Today shares have recovered almost 6% in pre-market trading. Yet, Cowen analyst Ritu Baral remains sidelined on the biotech firm, believing this crucial setback that pinpoints cracks in both safety as well as in the manufacturing of the drug is now “jeopardizing [the] program’s feasibility.” In reaction, the analyst reiterates a Market Perform rating on shares of CEMP without suggesting a price target.

In light of the agency’s misgivings for the program, Baral notes, the “FDA is requiring manufacturing fixes at the current API facility and recommending a new VERY large pre-approval trial better characterizing hepatotoxicity. FDA will also very likely limit the labeled population significantly. We have moved solithromycin approval to 2019 and reduced US peak sales to $319M.”

Just how “large” will this premarketing trial’s size circle? Baral projects 12,000 patients plus. Currently, the trial size for determining the drug’s adverse effects capped at a trial of 920 patients. Clearly, from the FDA’s standpoint, CEMP’s safety database sample size reveals gaping inadequacy.

Moreover, the analyst believes, “The fact that this may not be specifically focused on CEMP’s product or processes is arguably worse for timing.”

Looking ahead, the road looks bleak for the firm from Baral’s eyes. “While we await CEMP to start and complete talks with FDA on the design of the upcoming study, we have grave concerns around the feasibility of a 3014-like trial, especially given a potential >$50M price tag in support a limited market,” the analyst concludes.

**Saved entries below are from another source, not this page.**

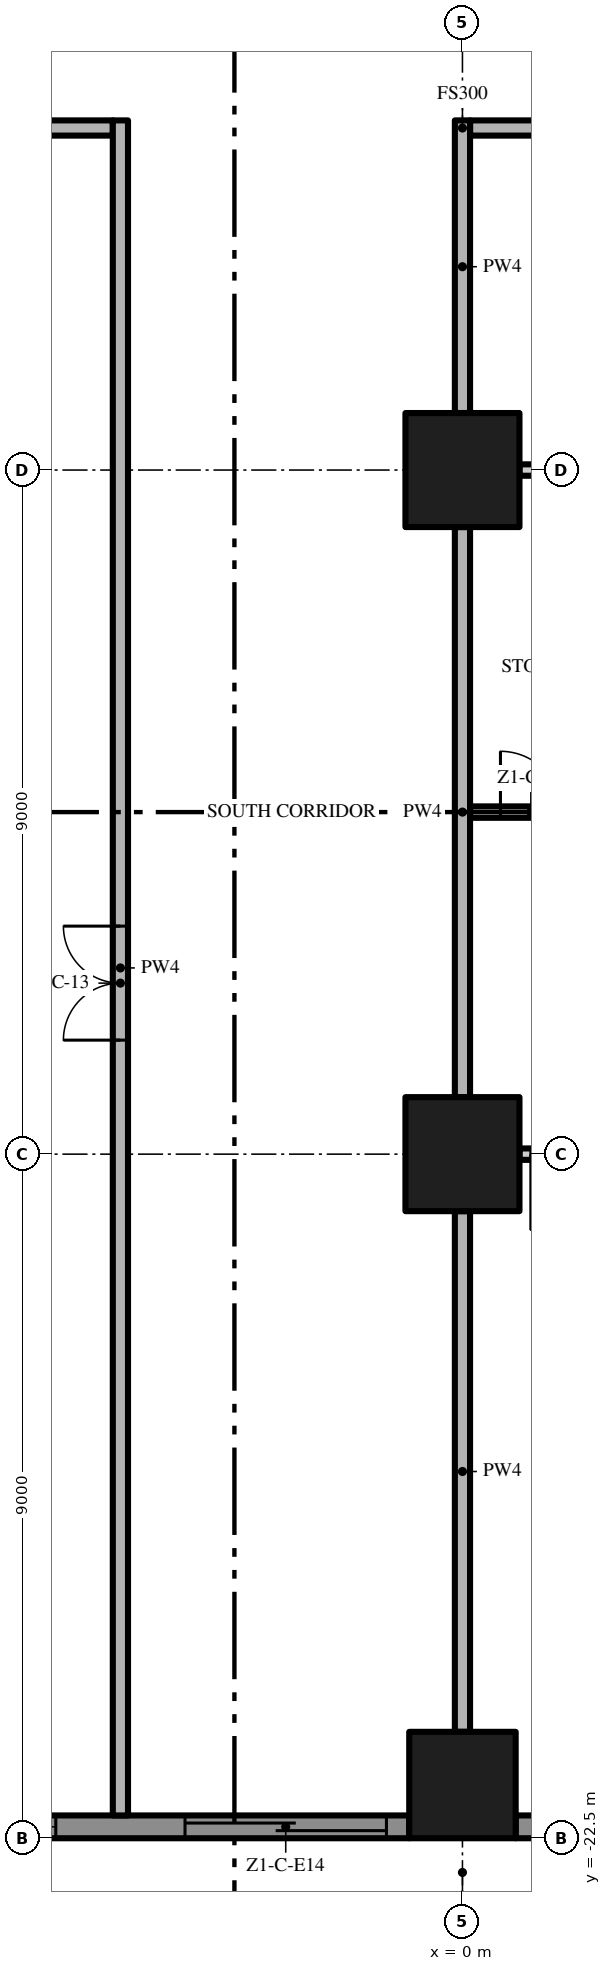
"""IFC4 building model, lengths in metres.
Left out: names, types, materials, properties, quantities, classifications, styles, units other than length and angle.
Written with IfcOpenShell. Run it as: python <this file> out.ifc"""

import sys

from ifc_helpers import new_model, si_unit, direction, frame, frame_2d, origin, origin_2d, place, context, subcontext, project, spatial, polyline, rectangle, outline, extrude, element, fill, save


model = new_model("IFC4")
c1 = context("Model", 3, precision=1e-05, world=origin(), true_north=direction((0.0, 1.0)))
c2 = subcontext(c1, "Body", "Model", "MODEL_VIEW")
j1 = project(units=[si_unit("LENGTHUNIT", "METRE"), si_unit("PLANEANGLEUNIT", "RADIAN")], contexts=[c1])
p1 = place(None, origin())
s1 = spatial("IfcSite", under=j1, at=p1, CompositionType="ELEMENT")
p2 = place(p1, origin())
s2 = spatial("IfcBuilding", under=s1, at=p2, CompositionType="ELEMENT")
p3 = place(p2, frame((0.0, 0.0, 45.4)))
s3 = spatial("IfcBuildingStorey", under=s2, at=p3, CompositionType="ELEMENT", Elevation=45.4)
p4 = place(p3, frame((0.0, -13.5, 0.0), z_axis=(0.0, 0.0, 1.0), x_axis=(1.0, 0.0, 0.0)))
e1 = element("IfcColumn", 1, at=p4, inside=s3, PredefinedType="COLUMN", context=c2, shape_type="SweptSolid", body=[
    extrude(rectangle(XDim=1.5, YDim=1.5, at=origin_2d()), origin(), (0.0, 0.0, 1.0), 3.5),
])
p5 = place(p3, frame((0.0, -21.8, 0.0), z_axis=(0.0, 0.0, 1.0), x_axis=(1.0, 0.0, 0.0)))
e2 = element("IfcColumn", 2, at=p5, inside=s3, PredefinedType="COLUMN", context=c2, shape_type="SweptSolid", body=[
    extrude(rectangle(XDim=1.4, YDim=1.4, at=origin_2d()), origin(), (0.0, 0.0, 1.0), 3.5),
])
p6 = place(p3, frame((0.0, -4.5, 0.0), z_axis=(0.0, 0.0, 1.0), x_axis=(1.0, 0.0, 0.0)))
e3 = element("IfcColumn", 3, at=p6, inside=s3, PredefinedType="COLUMN", context=c2, shape_type="SweptSolid", body=[
    extrude(rectangle(XDim=1.5, YDim=1.5, at=origin_2d()), origin(), (0.0, 0.0, 1.0), 3.5),
])
p7 = place(p3, frame((-0.7, -22.35, 0.0), z_axis=(0.0, 0.0, 1.0), x_axis=(-1.0, 0.0, 0.0)))
e4 = element("IfcWall", 4, at=p7, inside=s3, PredefinedType="SOLIDWALL", context=c2, shape_type="SweptSolid", body=[
    extrude(rectangle(XDim=7.6, YDim=0.3, at=frame_2d((3.8, 0.0))), origin(), (0.0, 0.0, 1.0), 3.5),
])
p8 = place(p7, frame((4.65, 0.0, 0.45)))
e5 = element("IfcOpeningElement", 5, at=p8, cuts=e4, PredefinedType="OPENING", context=c2, shape_type="SweptSolid", body=[
    extrude(rectangle(XDim=2.65, YDim=2.65, at=frame_2d((1.325, 1.325))), frame((0.0, 0.16, 0.0), z_axis=(0.0, -1.0, 0.0), x_axis=(1.0, 0.0, 0.0)), (0.0, 0.0, 1.0), 0.32),
])
p9 = place(p7, frame((0.3, 0.0, 0.0)))
e6 = element("IfcOpeningElement", 6, at=p9, cuts=e4, PredefinedType="OPENING", context=c2, shape_type="SweptSolid", body=[
    extrude(rectangle(XDim=2.65, YDim=2.4, at=frame_2d((1.325, 1.2))), frame((0.0, 0.16, 0.0), z_axis=(0.0, -1.0, 0.0), x_axis=(1.0, 0.0, 0.0)), (0.0, 0.0, 1.0), 0.32),
])
p10 = place(p3, frame((8.3, -22.35, 0.0), z_axis=(0.0, 0.0, 1.0), x_axis=(-1.0, 0.0, 0.0)))
e7 = element("IfcWall", 7, at=p10, inside=s3, PredefinedType="SOLIDWALL", context=c2, shape_type="SweptSolid", body=[
    extrude(rectangle(XDim=7.6, YDim=0.3, at=frame_2d((3.8, 0.0))), origin(), (0.0, 0.0, 1.0), 3.5),
])
p11 = place(p10, frame((4.65, 0.0, 0.45)))
e8 = element("IfcOpeningElement", 8, at=p11, cuts=e7, PredefinedType="OPENING", context=c2, shape_type="SweptSolid", body=[
    extrude(rectangle(XDim=2.65, YDim=2.65, at=frame_2d((1.325, 1.325))), frame((0.0, 0.16, 0.0), z_axis=(0.0, -1.0, 0.0), x_axis=(1.0, 0.0, 0.0)), (0.0, 0.0, 1.0), 0.32),
])
p12 = place(p10, frame((0.3, 0.0, 0.45)))
e9 = element("IfcOpeningElement", 9, at=p12, cuts=e7, PredefinedType="OPENING", context=c2, shape_type="SweptSolid", body=[
    extrude(rectangle(XDim=2.65, YDim=2.65, at=frame_2d((1.325, 1.325))), frame((0.0, 0.16, 0.0), z_axis=(0.0, -1.0, 0.0), x_axis=(1.0, 0.0, 0.0)), (0.0, 0.0, 1.0), 0.32),
])
p13 = place(p3, origin())
e10 = element("IfcWall", 10, at=p13, inside=s3, PredefinedType="USERDEFINED", context=c2, shape_type="SweptSolid", body=[
    extrude(outline(polyline([(-22.5, -24.3), (-21.0, -25.005), (-19.5, -25.441), (-18.75, -25.5), (-18.0, -25.441), (-16.5, -25.005), (-15.0, -24.3), (-13.5, -23.595), (-12.0, -23.159), (-11.25, -23.1), (-10.5, -23.159), (-9.0, -23.595), (-7.5, -24.3), (-6.0, -25.005), (-4.5, -25.441), (-3.75, -25.5), (-3.0, -25.441), (-1.5, -25.005), (0.0, -24.3), (1.5, -23.595), (3.0, -23.159), (3.75, -23.1), (4.5, -23.159), (6.0, -23.595), (7.5, -24.3), (9.0, -25.005), (10.5, -25.441), (11.25, -25.5), (12.0, -25.441), (13.5, -25.005), (15.0, -24.3), (16.5, -23.595), (18.0, -23.159), (18.75, -23.1), (19.5, -23.159), (21.0, -23.595), (22.5, -24.3), (22.606, -24.074), (21.089, -23.36), (19.545, -22.911), (18.75, -22.849), (17.955, -22.911), (16.411, -23.36), (14.894, -24.074), (13.411, -24.771), (11.955, -25.194), (11.25, -25.249), (10.545, -25.194), (9.089, -24.771), (7.606, -24.074), (6.089, -23.36), (4.545, -22.911), (3.75, -22.849), (2.955, -22.911), (1.411, -23.36), (-0.106, -24.074), (-1.589, -24.771), (-3.045, -25.194), (-3.75, -25.249), (-4.455, -25.194), (-5.911, -24.771), (-7.394, -24.074), (-8.911, -23.36), (-10.455, -22.911), (-11.25, -22.849), (-12.045, -22.911), (-13.589, -23.36), (-15.106, -24.074), (-16.589, -24.771), (-18.045, -25.194), (-18.75, -25.249), (-19.455, -25.194), (-20.911, -24.771), (-22.394, -24.074), (-22.5, -24.3)])), origin(), (0.0, 0.0, 1.0), 0.9),
])
p14 = place(p3, frame((8.25, -13.5, 0.0), z_axis=(0.0, 0.0, 1.0), x_axis=(-1.0, 0.0, 0.0)))
e11 = element("IfcWall", 11, at=p14, inside=s3, PredefinedType="PARTITIONING", context=c2, shape_type="SweptSolid", body=[
    extrude(rectangle(XDim=7.5, YDim=0.15, at=frame_2d((3.75, 0.0))), origin(), (0.0, 0.0, 1.0), 3.5),
])
p15 = place(p14, frame((6.35, 0.0, 0.0)))
e12 = element("IfcOpeningElement", 12, at=p15, cuts=e11, PredefinedType="OPENING", context=c2, shape_type="SweptSolid", body=[
    extrude(rectangle(XDim=1.0, YDim=2.4, at=frame_2d((0.5, 1.2))), frame((0.0, 0.085, 0.0), z_axis=(0.0, -1.0, 0.0), x_axis=(1.0, 0.0, 0.0)), (0.0, 0.0, 1.0), 0.17),
])
p16 = place(p14, frame((0.15, 0.0, 0.0)))
e13 = element("IfcOpeningElement", 13, at=p16, cuts=e11, PredefinedType="OPENING", context=c2, shape_type="SweptSolid", body=[
    extrude(rectangle(XDim=1.0, YDim=2.4, at=frame_2d((0.5, 1.2))), frame((0.0, 0.085, 0.0), z_axis=(0.0, -1.0, 0.0), x_axis=(1.0, 0.0, 0.0)), (0.0, 0.0, 1.0), 0.17),
])
p17 = place(p3, frame((0.1, -9.0, 0.0), z_axis=(0.0, 0.0, 1.0), x_axis=(1.0, 0.0, 0.0)))
e14 = element("IfcWall", 14, at=p17, inside=s3, PredefinedType="PARTITIONING", context=c2, shape_type="SweptSolid", body=[
    extrude(rectangle(XDim=13.4, YDim=0.15, at=frame_2d((6.7, 0.0))), origin(), (0.0, 0.0, 1.0), 3.5),
])
p18 = place(p17, frame((0.4, 0.0, 0.0)))
e15 = element("IfcOpeningElement", 15, at=p18, cuts=e14, PredefinedType="OPENING", context=c2, shape_type="SweptSolid", body=[
    extrude(rectangle(XDim=0.8, YDim=2.0, at=frame_2d((0.4, 1.0))), frame((0.0, 0.085, 0.0), z_axis=(0.0, -1.0, 0.0), x_axis=(1.0, 0.0, 0.0)), (0.0, 0.0, 1.0), 0.17),
])
p19 = place(p17, frame((6.9, 0.0, 0.0)))
e16 = element("IfcOpeningElement", 16, at=p19, cuts=e14, PredefinedType="OPENING", context=c2, shape_type="SweptSolid", body=[
    extrude(rectangle(XDim=1.0, YDim=2.4, at=frame_2d((0.5, 1.2))), frame((0.0, 0.085, 0.0), z_axis=(0.0, -1.0, 0.0), x_axis=(1.0, 0.0, 0.0)), (0.0, 0.0, 1.0), 0.17),
])
p20 = place(p3, frame((8.25, -4.5, 0.0), z_axis=(0.0, 0.0, 1.0), x_axis=(-1.0, 0.0, 0.0)))
e17 = element("IfcWall", 17, at=p20, inside=s3, PredefinedType="PARTITIONING", context=c2, shape_type="SweptSolid", body=[
    extrude(rectangle(XDim=7.5, YDim=0.15, at=frame_2d((3.75, 0.0))), origin(), (0.0, 0.0, 1.0), 3.5),
])
p21 = place(p20, frame((4.7, 0.0, 0.0)))
e18 = element("IfcOpeningElement", 18, at=p21, cuts=e17, PredefinedType="OPENING", context=c2, shape_type="SweptSolid", body=[
    extrude(rectangle(XDim=0.8, YDim=2.0, at=frame_2d((0.4, 1.0))), frame((0.0, 0.085, 0.0), z_axis=(0.0, -1.0, 0.0), x_axis=(1.0, 0.0, 0.0)), (0.0, 0.0, 1.0), 0.17),
])
p22 = place(p3, frame((-17.4, 0.0, 0.0), z_axis=(0.0, 0.0, 1.0), x_axis=(1.0, 0.0, 0.0)))
e19 = element("IfcWall", 19, at=p22, inside=s3, PredefinedType="PARTITIONING", context=c2, shape_type="SweptSolid", body=[
    extrude(rectangle(XDim=12.8, YDim=0.2, at=frame_2d((6.4, 0.0))), origin(), (0.0, 0.0, 1.0), 3.5),
])
p23 = place(p3, frame((17.4, 0.0, 0.0), z_axis=(0.0, 0.0, 1.0), x_axis=(-1.0, 0.0, 0.0)))
e20 = element("IfcWall", 20, at=p23, inside=s3, PredefinedType="PARTITIONING", context=c2, shape_type="SweptSolid", body=[
    extrude(rectangle(XDim=17.3, YDim=0.2, at=frame_2d((8.65, 0.0))), origin(), (0.0, 0.0, 1.0), 3.5),
])
p24 = place(p23, frame((7.65, 0.0, 0.0)))
e21 = element("IfcOpeningElement", 21, at=p24, cuts=e20, PredefinedType="OPENING", context=c2, shape_type="SweptSolid", body=[
    extrude(rectangle(XDim=1.5, YDim=2.4, at=frame_2d((0.75, 1.2))), frame((0.0, 0.11, 0.0), z_axis=(0.0, -1.0, 0.0), x_axis=(1.0, 0.0, 0.0)), (0.0, 0.0, 1.0), 0.22),
])
p25 = place(p3, frame((-4.5, -22.2, 0.0), z_axis=(0.0, 0.0, 1.0), x_axis=(0.0, 1.0, 0.0)))
e22 = element("IfcWall", 22, at=p25, inside=s3, PredefinedType="PARTITIONING", context=c2, shape_type="SweptSolid", body=[
    extrude(rectangle(XDim=22.3, YDim=0.2, at=frame_2d((11.15, 0.0))), origin(), (0.0, 0.0, 1.0), 3.5),
])
p26 = place(p25, frame((10.2, 0.0, 0.0)))
e23 = element("IfcOpeningElement", 23, at=p26, cuts=e22, PredefinedType="OPENING", context=c2, shape_type="SweptSolid", body=[
    extrude(rectangle(XDim=1.5, YDim=2.4, at=frame_2d((0.75, 1.2))), frame((0.0, 0.11, 0.0), z_axis=(0.0, -1.0, 0.0), x_axis=(1.0, 0.0, 0.0)), (0.0, 0.0, 1.0), 0.22),
])
p27 = place(p3, frame((0.0, -21.1, 0.0), z_axis=(0.0, 0.0, 1.0), x_axis=(0.0, 1.0, 0.0)))
e24 = element("IfcWall", 24, at=p27, inside=s3, PredefinedType="PARTITIONING", context=c2, shape_type="SweptSolid", body=[
    extrude(rectangle(XDim=6.85, YDim=0.2, at=frame_2d((3.425, 0.0))), origin(), (0.0, 0.0, 1.0), 3.5),
])
p28 = place(p3, frame((0.0, -12.75, 0.0), z_axis=(0.0, 0.0, 1.0), x_axis=(0.0, 1.0, 0.0)))
e25 = element("IfcWall", 25, at=p28, inside=s3, PredefinedType="PARTITIONING", context=c2, shape_type="SweptSolid", body=[
    extrude(rectangle(XDim=7.5, YDim=0.2, at=frame_2d((3.75, 0.0))), origin(), (0.0, 0.0, 1.0), 3.5),
])
p29 = place(p3, frame((0.0, -3.75, 0.0), z_axis=(0.0, 0.0, 1.0), x_axis=(0.0, 1.0, 0.0)))
e26 = element("IfcWall", 26, at=p29, inside=s3, PredefinedType="PARTITIONING", context=c2, shape_type="SweptSolid", body=[
    extrude(rectangle(XDim=3.85, YDim=0.2, at=frame_2d((1.925, 0.0))), origin(), (0.0, 0.0, 1.0), 3.5),
])
p30 = place(p8, origin())
e27 = element("IfcWindow", 27, at=p30, inside=s3, PartitioningType="SINGLE_PANEL", PredefinedType="WINDOW", context=c2, shape_type="SweptSolid", body=[
    extrude(rectangle(XDim=2.65, YDim=2.65, at=frame_2d((1.325, 1.325))), frame((0.0, 0.03, 0.0), z_axis=(0.0, -1.0, 0.0), x_axis=(1.0, 0.0, 0.0)), (0.0, 0.0, 1.0), 0.06),
])
fill(e5, e27)
p31 = place(p9, origin())
e28 = element("IfcDoor", 28, at=p31, inside=s3, OperationType="SINGLE_SWING_LEFT", PredefinedType="DOOR", context=c2, shape_type="SweptSolid", body=[
    extrude(rectangle(XDim=2.65, YDim=2.4, at=frame_2d((1.325, 1.2))), frame((0.0, 0.025, 0.0), z_axis=(0.0, -1.0, 0.0), x_axis=(1.0, 0.0, 0.0)), (0.0, 0.0, 1.0), 0.05),
])
fill(e6, e28)
p32 = place(p26, origin())
e29 = element("IfcDoor", 29, at=p32, inside=s3, OperationType="DOUBLE_DOOR_SINGLE_SWING", PredefinedType="DOOR", context=c2, shape_type="SweptSolid", body=[
    extrude(rectangle(XDim=1.5, YDim=2.4, at=frame_2d((0.75, 1.2))), frame((0.0, 0.025, 0.0), z_axis=(0.0, -1.0, 0.0), x_axis=(1.0, 0.0, 0.0)), (0.0, 0.0, 1.0), 0.05),
])
fill(e23, e29)
p33 = place(p18, origin())
e30 = element("IfcDoor", 30, at=p33, inside=s3, OperationType="SINGLE_SWING_LEFT", PredefinedType="DOOR", context=c2, shape_type="SweptSolid", body=[
    extrude(rectangle(XDim=0.8, YDim=2.0, at=frame_2d((0.4, 1.0))), frame((0.0, 0.025, 0.0), z_axis=(0.0, -1.0, 0.0), x_axis=(1.0, 0.0, 0.0)), (0.0, 0.0, 1.0), 0.05),
])
fill(e15, e30)
save(model, sys.argv[1])

Time will tell if Cempra will be able to provide the agency the characterization about the risk of hepatotoxicity that it requires for solithromycin- the very drug that the FDA Ad Comm only narrowly voted in favor of its clinical benefits against hepatotoxicity apprehensions.

According to TipRanks, which measures analysts’ and bloggers’ success rate based on how their calls perform, three-star analyst Ritu Baral is ranked #1,752 out of 4,291 analysts. Baral has a 36% success rate and earns 1.1% in her annual returns. However, when recommending CEMP, Baral loses 33.6% in average profits on the stock.

TipRanks analytics exhibit CEMP as a Hold. Based on 12 analysts polled by TipRanks in the last 3 months, 1 rates a Buy on CEMP stock, 8 maintain a Hold, while 3 issue a Sell. The 12-month average price target stands at $10.42, marking a nearly 301% upside from where the shares last closed.